Global Economy Expert

Pascal de Lima (PhD economics - Sciences Po) is Chief economist of CGI Business Consulting and guest speaker in several schools and conferences. He is a French economist and knowledge manager (KM). He applies his knowledge of economics to the field of KM to solve management consulting challenges. He lectured economics at Sciences Po in Paris and has also taught economics in several of France's top universities (HEC, ESSEC, Sup de Co, Engineering Schools and PREPA...) for a total of 18 years.
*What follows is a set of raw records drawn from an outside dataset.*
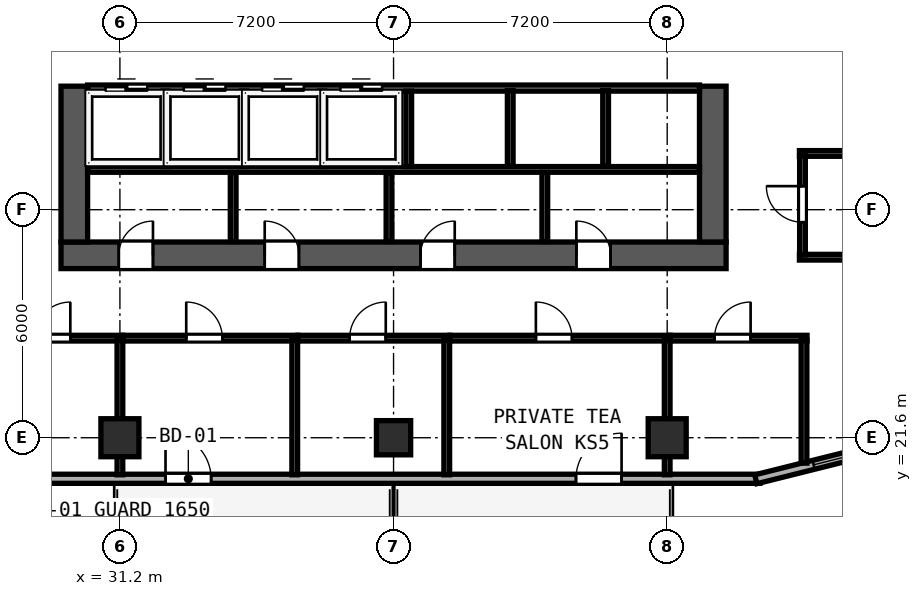
"""IFC4 building model, lengths in metres.
Left out: names, types, materials, properties, quantities, classifications, styles, units other than length and angle.
Written with IfcOpenShell. Run it as: python <this file> out.ifc"""

import sys

from ifc_helpers import new_model, si_unit, direction, frame, frame_2d, origin, origin_2d, place, context, subcontext, project, spatial, rectangle, hollow_rectangle, extrude, element, fill, save


model = new_model("IFC4")
c1 = context("Model", 3, precision=1e-05, world=origin(), true_north=direction((0.0, 1.0)))
c2 = subcontext(c1, "Body", "Model", "MODEL_VIEW")
j1 = project(units=[si_unit("LENGTHUNIT", "METRE"), si_unit("PLANEANGLEUNIT", "RADIAN")], contexts=[c1])
p1 = place(None, origin())
s1 = spatial("IfcSite", under=j1, at=p1, CompositionType="ELEMENT")
p2 = place(p1, origin())
s2 = spatial("IfcBuilding", under=s1, at=p2, CompositionType="ELEMENT")
p3 = place(p2, frame((0.0, 0.0, 121.2)))
s3 = spatial("IfcBuildingStorey", under=s2, at=p3, CompositionType="ELEMENT", Elevation=121.2)
p4 = place(p3, frame((29.65, 26.4, 0.0), z_axis=(0.0, 0.0, 1.0), x_axis=(1.0, 0.0, 0.0)))
e1 = element("IfcWall", 1, at=p4, inside=s3, PredefinedType="SHEAR", context=c2, shape_type="SweptSolid", body=[
    extrude(rectangle(XDim=17.5, YDim=0.7, at=frame_2d((8.75, 0.0))), origin(), (0.0, 0.0, 1.0), 3.6),
])
p5 = place(p4, frame((2.42, 0.0, 0.0), z_axis=(0.0, 0.0, 1.0), x_axis=(-1.0, 0.0, 0.0)))
e2 = element("IfcOpeningElement", 2, at=p5, cuts=e1, PredefinedType="OPENING", context=c2, shape_type="SweptSolid", body=[
    extrude(rectangle(XDim=0.9, YDim=2.1, at=frame_2d((0.45, 1.05))), frame((0.0, 0.36, 0.0), z_axis=(0.0, -1.0, 0.0), x_axis=(1.0, 0.0, 0.0)), (0.0, 0.0, 1.0), 0.72),
])
p6 = place(p4, frame((6.26, 0.0, 0.0), z_axis=(0.0, 0.0, 1.0), x_axis=(-1.0, 0.0, 0.0)))
e3 = element("IfcOpeningElement", 3, at=p6, cuts=e1, PredefinedType="OPENING", context=c2, shape_type="SweptSolid", body=[
    extrude(rectangle(XDim=0.9, YDim=2.1, at=frame_2d((0.45, 1.05))), frame((0.0, 0.36, 0.0), z_axis=(0.0, -1.0, 0.0), x_axis=(1.0, 0.0, 0.0)), (0.0, 0.0, 1.0), 0.72),
])
p7 = place(p4, frame((10.36, 0.0, 0.0), z_axis=(0.0, 0.0, 1.0), x_axis=(-1.0, 0.0, 0.0)))
e4 = element("IfcOpeningElement", 4, at=p7, cuts=e1, PredefinedType="OPENING", context=c2, shape_type="SweptSolid", body=[
    extrude(rectangle(XDim=0.9, YDim=2.1, at=frame_2d((0.45, 1.05))), frame((0.0, 0.36, 0.0), z_axis=(0.0, -1.0, 0.0), x_axis=(1.0, 0.0, 0.0)), (0.0, 0.0, 1.0), 0.72),
])
p8 = place(p4, frame((14.46, 0.0, 0.0), z_axis=(0.0, 0.0, 1.0), x_axis=(-1.0, 0.0, 0.0)))
e5 = element("IfcOpeningElement", 5, at=p8, cuts=e1, PredefinedType="OPENING", context=c2, shape_type="SweptSolid", body=[
    extrude(rectangle(XDim=0.9, YDim=2.1, at=frame_2d((0.45, 1.05))), frame((0.0, 0.36, 0.0), z_axis=(0.0, -1.0, 0.0), x_axis=(1.0, 0.0, 0.0)), (0.0, 0.0, 1.0), 0.72),
])
for number, where, z_axis, x_axis in (
    (6, (30.0, 26.75, 0.0), (0.0, 0.0, 1.0), (0.0, 1.0, 0.0)),
    (7, (46.8, 26.75, 0.0), (0.0, 0.0, 1.0), (0.0, 1.0, 0.0)),
):
    element("IfcWall", number, at=place(p3, frame(where, z_axis=z_axis, x_axis=x_axis)), inside=s3, PredefinedType="SHEAR", context=c2, shape_type="SweptSolid", body=[
        extrude(rectangle(XDim=4.1, YDim=0.7, at=frame_2d((2.05, 0.0))), origin(), (0.0, 0.0, 1.0), 3.6),
    ])
for number, where, z_axis, x_axis in (
    (8, (31.2, 21.6, 0.0), (0.0, 0.0, 1.0), (1.0, 0.0, 0.0)),
    (9, (45.6, 21.6, 0.0), (0.0, 0.0, 1.0), (1.0, 0.0, 0.0)),
):
    element("IfcColumn", number, at=place(p3, frame(where, z_axis=z_axis, x_axis=x_axis)), inside=s3, PredefinedType="COLUMN", context=c2, shape_type="SweptSolid", body=[
        extrude(hollow_rectangle(XDim=1.0, YDim=1.0, WallThickness=0.038, at=origin_2d()), origin(), (0.0, 0.0, 1.0), 3.8),
    ])
p9 = place(p3, frame((38.4, 21.6, 0.0), z_axis=(0.0, 0.0, 1.0), x_axis=(1.0, 0.0, 0.0)))
e10 = element("IfcColumn", 10, at=p9, inside=s3, PredefinedType="COLUMN", context=c2, shape_type="SweptSolid", body=[
    extrude(hollow_rectangle(XDim=0.9, YDim=0.9, WallThickness=0.034, at=origin_2d()), origin(), (0.0, 0.0, 1.0), 3.8),
])
p10 = place(p3, frame((28.76, 20.52, 0.0), z_axis=(0.0, 0.0, 1.0), x_axis=(1.0, 0.0, 0.0)))
e11 = element("IfcWall", 11, at=p10, inside=s3, PredefinedType="SOLIDWALL", context=c2, shape_type="SweptSolid", body=[
    extrude(rectangle(XDim=19.281, YDim=0.24, at=frame_2d((9.64, 0.0))), origin(), (0.0, 0.0, 1.0), 3.6),
])
p11 = place(p10, frame((4.84, 0.0, 0.0), z_axis=(0.0, 0.0, 1.0), x_axis=(-1.0, 0.0, 0.0)))
e12 = element("IfcOpeningElement", 12, at=p11, cuts=e11, PredefinedType="OPENING", context=c2, shape_type="SweptSolid", body=[
    extrude(rectangle(XDim=1.2, YDim=2.15, at=frame_2d((0.6, 1.075))), frame((0.0, 0.13, 0.0), z_axis=(0.0, -1.0, 0.0), x_axis=(1.0, 0.0, 0.0)), (0.0, 0.0, 1.0), 0.26),
])
p12 = place(p10, frame((15.64, 0.0, 0.0), z_axis=(0.0, 0.0, 1.0), x_axis=(-1.0, 0.0, 0.0)))
e13 = element("IfcOpeningElement", 13, at=p12, cuts=e11, PredefinedType="OPENING", context=c2, shape_type="SweptSolid", body=[
    extrude(rectangle(XDim=1.2, YDim=2.15, at=frame_2d((0.6, 1.075))), frame((0.0, 0.13, 0.0), z_axis=(0.0, -1.0, 0.0), x_axis=(1.0, 0.0, 0.0)), (0.0, 0.0, 1.0), 0.26),
])
p13 = place(p3, frame((47.932, 20.507, 0.0), z_axis=(0.0, 0.0, 1.0), x_axis=(0.970145683738, 0.242522890311, 0.0)))
e14 = element("IfcWall", 14, at=p13, inside=s3, PredefinedType="SOLIDWALL", context=c2, shape_type="SweptSolid", body=[
    extrude(rectangle(XDim=4.511, YDim=0.24, at=frame_2d((2.255, 0.0))), origin(), (0.0, 0.0, 1.0), 3.145),
])
p14 = place(p13, frame((1.569, 0.0, 0.85)))
e15 = element("IfcOpeningElement", 15, at=p14, cuts=e14, PredefinedType="OPENING", context=c2, shape_type="SweptSolid", body=[
    extrude(rectangle(XDim=1.15, YDim=1.8, at=frame_2d((0.575, 0.9))), frame((0.0, 0.13, 0.0), z_axis=(0.0, -1.0, 0.0), x_axis=(1.0, 0.0, 0.0)), (0.0, 0.0, 1.0), 0.26),
])
p15 = place(p3, frame((30.35, 30.8, 0.0), z_axis=(0.0, 0.0, 1.0), x_axis=(1.0, 0.0, 0.0)))
e16 = element("IfcWall", 16, at=p15, inside=s3, PredefinedType="SOLIDWALL", context=c2, shape_type="SweptSolid", body=[
    extrude(rectangle(XDim=16.1, YDim=0.16, at=frame_2d((8.05, 0.0))), origin(), (0.0, 0.0, 1.0), 3.6),
])
p16 = place(p15, frame((0.47, 0.0, 0.0)))
e17 = element("IfcOpeningElement", 17, at=p16, cuts=e16, PredefinedType="OPENING", context=c2, shape_type="SweptSolid", body=[
    extrude(rectangle(XDim=1.1, YDim=2.2, at=frame_2d((0.55, 1.1))), frame((0.0, 0.09, 0.0), z_axis=(0.0, -1.0, 0.0), x_axis=(1.0, 0.0, 0.0)), (0.0, 0.0, 1.0), 0.18),
])
p17 = place(p15, frame((2.53, 0.0, 0.0)))
e18 = element("IfcOpeningElement", 18, at=p17, cuts=e16, PredefinedType="OPENING", context=c2, shape_type="SweptSolid", body=[
    extrude(rectangle(XDim=1.1, YDim=2.2, at=frame_2d((0.55, 1.1))), frame((0.0, 0.09, 0.0), z_axis=(0.0, -1.0, 0.0), x_axis=(1.0, 0.0, 0.0)), (0.0, 0.0, 1.0), 0.18),
])
p18 = place(p15, frame((4.59, 0.0, 0.0)))
e19 = element("IfcOpeningElement", 19, at=p18, cuts=e16, PredefinedType="OPENING", context=c2, shape_type="SweptSolid", body=[
    extrude(rectangle(XDim=1.1, YDim=2.2, at=frame_2d((0.55, 1.1))), frame((0.0, 0.09, 0.0), z_axis=(0.0, -1.0, 0.0), x_axis=(1.0, 0.0, 0.0)), (0.0, 0.0, 1.0), 0.18),
])
p19 = place(p15, frame((6.65, 0.0, 0.0)))
e20 = element("IfcOpeningElement", 20, at=p19, cuts=e16, PredefinedType="OPENING", context=c2, shape_type="SweptSolid", body=[
    extrude(rectangle(XDim=1.1, YDim=2.2, at=frame_2d((0.55, 1.1))), frame((0.0, 0.09, 0.0), z_axis=(0.0, -1.0, 0.0), x_axis=(1.0, 0.0, 0.0)), (0.0, 0.0, 1.0), 0.18),
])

As an essayist, he wrote more than 200 Op-Eds for major media outlets in France, 10 books and 5 referenced academic articles. He regularly gives lectures at international economics conferences. He specializes in economic foresight. His work is centered around monitoring and prospective thinking with primary focus on the assessment of the economic, social and environmental impact of innovations. After 14 years in the field of management consulting for the financial and banking sector (Ernst & Young, Cap Gemini, Chief Economist & KM at Arthur D.Little and Altran), he founded Economic Cell in 2013, an idea laboratory and consultancy whose purpose is to study market evolutions in light of economic transformations brought about by innovation. In 2017, he joined Harwell Management as Chief Economist, and in 2020, has become a teacher at Aivancity. He holds a PhD degree in Economics from the Paris Institute of Political Studies (Sciences Po), a Masters in Industrial Economics from Panthéon-Sorbonne Paris 1 and a Masters in Financial engineering from a top French business school.